The perfluoropolyether compound of the present invention is particularly useful as a lubricant for magnetic recording media. In addition, a ferromagnetic metal material is deposited on the non-magnetic support by a method such as vapor deposition, and the non-magnetic support is used as a magnetic layer to form a so-called metal thin film type magnetic recording medium or a very fine magnetic recording medium. By applying a magnetic coating material containing particles and a resin binder onto a non-magnetic support and using the perfluoropolyether compound as a lubricant in a so-called coating type magnetic recording medium having this as a magnetic layer. It is possible to obtain a magnetic recording medium capable of maintaining excellent lubricity under various conditions, maintaining a lubricating effect for a long time, and providing excellent running properties, abrasion resistance, durability and the like.

─────────────────────────────────────────────────── ─── Continuation of front page (51) Int.Cl. ⁷ Identification code FI theme code (reference) C10N 30:06 C10N 30:06 40:18 40:18 (72) Inventor Ken Kobayashi Kita-Shinagawa, Shinagawa-ku, Tokyo 6,7-35, Sony Corporation (72) Inventor Hiroshi Iwamoto 6-7, Kita-Shinagawa, Shinagawa-ku, Tokyo 6-35, Sony Corporation (72) Inventor Toshinori Tsuboi 6, Kita-Shinagawa, Shinagawa-ku, Tokyo No. 7-35 F term in Sony Corporation (reference) 4H104 BD07A CD04A LA03 LA20 PA16 4J005 BA00 BD05 5D006 BA09

Claims (4)

[Claims] 1. The following general formula (1): (In the formula, Rf represents a perfluoropolyether group having an average molecular weight of 500 to 6000, R1 and R2 represent hydrogen, a hydrocarbon group, a partially fluorinated hydrocarbon group, or a fluorocarbon group.

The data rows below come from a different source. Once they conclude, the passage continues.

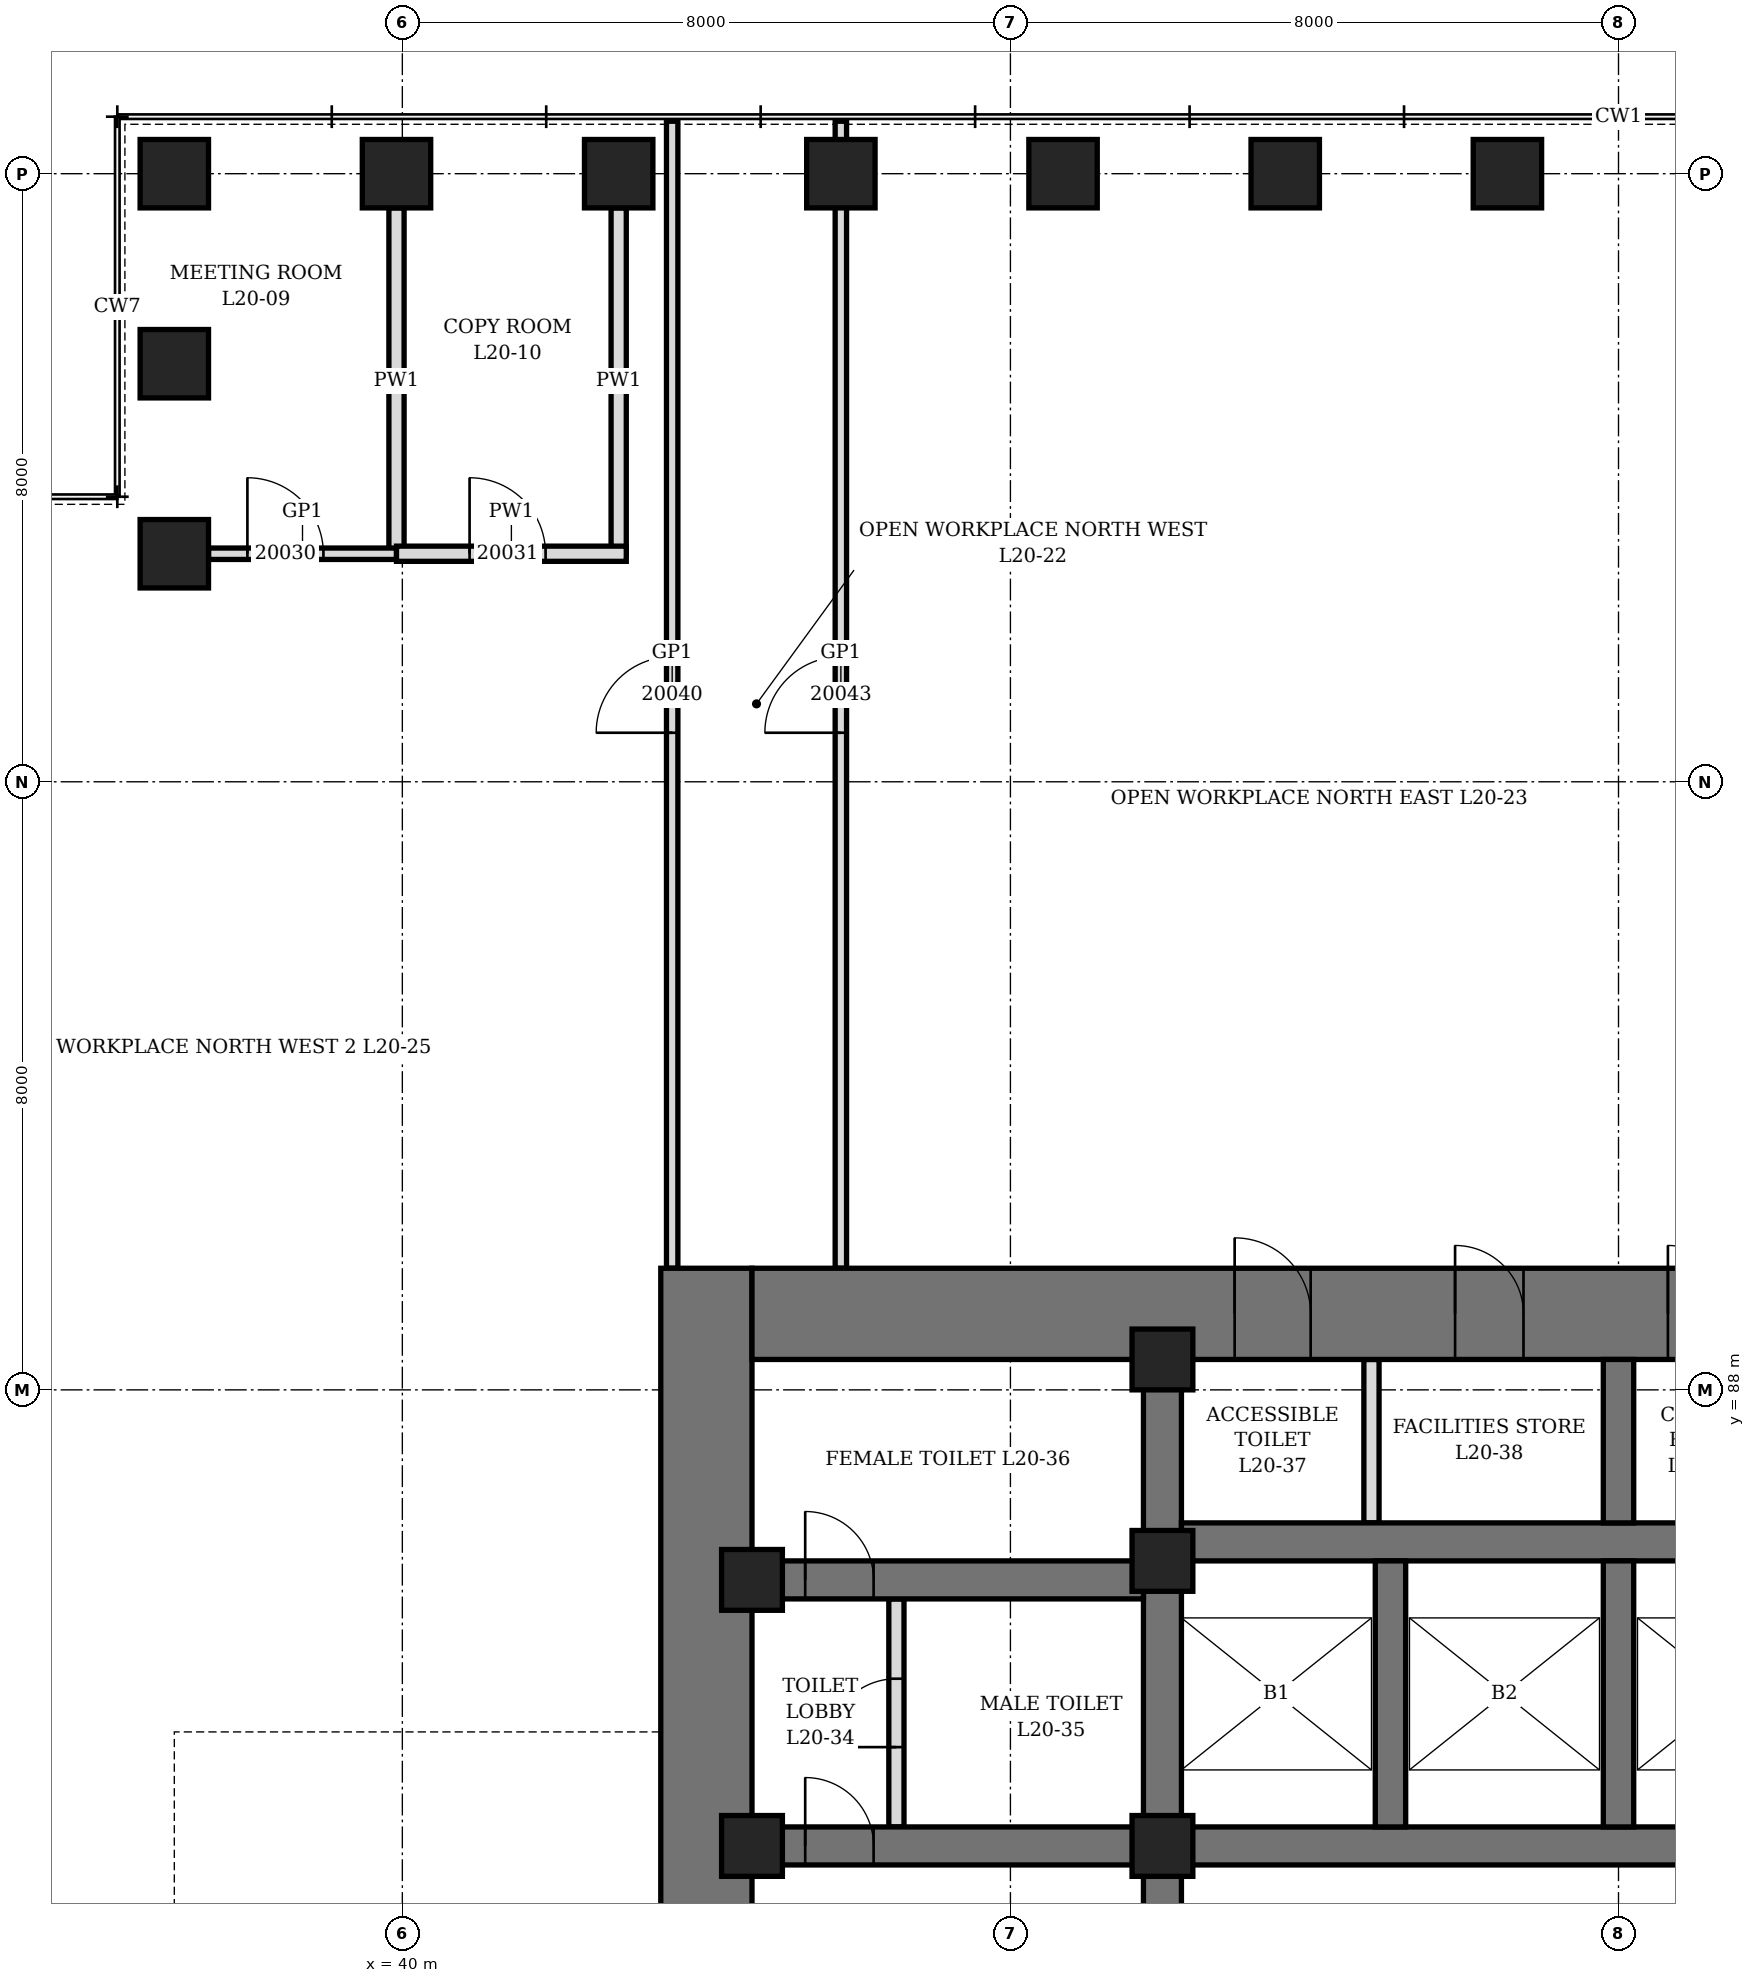
"""IFC4 building model, lengths in metres.
Left out: names, types, materials, properties, quantities, classifications, styles, units other than length and angle.
Written with IfcOpenShell. Run it as: python <this file> out.ifc"""

import sys

from ifc_helpers import new_model, si_unit, direction, frame, frame_2d, origin, origin_2d, place, context, subcontext, project, spatial, rectangle, hollow_rectangle, extrude, element, fill, save


model = new_model("IFC4")
c1 = context("Model", 3, precision=1e-05, world=origin(), true_north=direction((0.0, 1.0)))
c2 = subcontext(c1, "Body", "Model", "MODEL_VIEW")
j1 = project(units=[si_unit("LENGTHUNIT", "METRE"), si_unit("PLANEANGLEUNIT", "RADIAN")], contexts=[c1])
p1 = place(None, origin())
s1 = spatial("IfcSite", under=j1, at=p1, CompositionType="ELEMENT")
p2 = place(p1, origin())
s2 = spatial("IfcBuilding", under=s1, at=p2, CompositionType="ELEMENT")
p3 = place(p2, frame((0.0, 0.0, 93.7)))
s3 = spatial("IfcBuildingStorey", under=s2, at=p3, CompositionType="ELEMENT", Elevation=93.7)
for number, where, z_axis, x_axis in (
    (1, (54.539, 104.0, 0.0), (0.0, 0.0, 1.0), (1.0, 0.0, 0.0)),
    (2, (51.615, 104.0, 0.0), (0.0, 0.0, 1.0), (1.0, 0.0, 0.0)),
    (3, (48.692, 104.0, 0.0), (0.0, 0.0, 1.0), (1.0, 0.0, 0.0)),
    (4, (45.769, 104.0, 0.0), (0.0, 0.0, 1.0), (1.0, 0.0, 0.0)),
    (5, (42.846, 104.0, 0.0), (0.0, 0.0, 1.0), (1.0, 0.0, 0.0)),
    (6, (39.923, 104.0, 0.0), (0.0, 0.0, 1.0), (1.0, 0.0, 0.0)),
    (7, (37.0, 104.0, 0.0), (0.0, 0.0, 1.0), (0.0, 1.0, 0.0)),
    (8, (37.0, 101.5, 0.0), (0.0, 0.0, 1.0), (0.0, 1.0, 0.0)),
    (9, (37.0, 99.0, 0.0), (0.0, 0.0, 1.0), (1.0, 0.0, 0.0)),
):
    element("IfcColumn", number, at=place(p3, frame(where, z_axis=z_axis, x_axis=x_axis)), inside=s3, PredefinedType="COLUMN", context=c2, shape_type="SweptSolid", body=[
        extrude(hollow_rectangle(XDim=0.9, YDim=0.9, WallThickness=0.12, at=origin_2d()), origin(), (0.0, 0.0, 1.0), 4.2),
    ])
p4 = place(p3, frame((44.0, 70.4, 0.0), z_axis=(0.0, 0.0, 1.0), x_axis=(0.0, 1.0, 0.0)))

And an integer of 1 to 20.). 2. The following general formula (1): (In the formula, Rf represents a perfluoropolyether group having an average molecular weight of 500 to 6000, R1 and R2 represent hydrogen, a hydrocarbon group, a partially fluorinated hydrocarbon group, or a fluorocarbon group. A lubricant for a recording medium comprising a perfluoropolyether compound represented by the formula (1 to 20). 3. A recording medium comprising a support and at least a recording layer and a lubricant layer made of a lubricant, wherein the lubricant is represented by the following general formula (1): (In the formula, Rf represents a perfluoropolyether group having an average molecular weight of 500 to 6000, R1 and R2 represent hydrogen, a hydrocarbon group, a partially fluorinated hydrocarbon group, or a fluorocarbon group. A recording medium containing a perfluoropolyether compound represented by the formula (1 to 20). 4. The recording medium according to claim 3, wherein the recording layer is a magnetic layer, and the recording medium is a magnetic recording medium.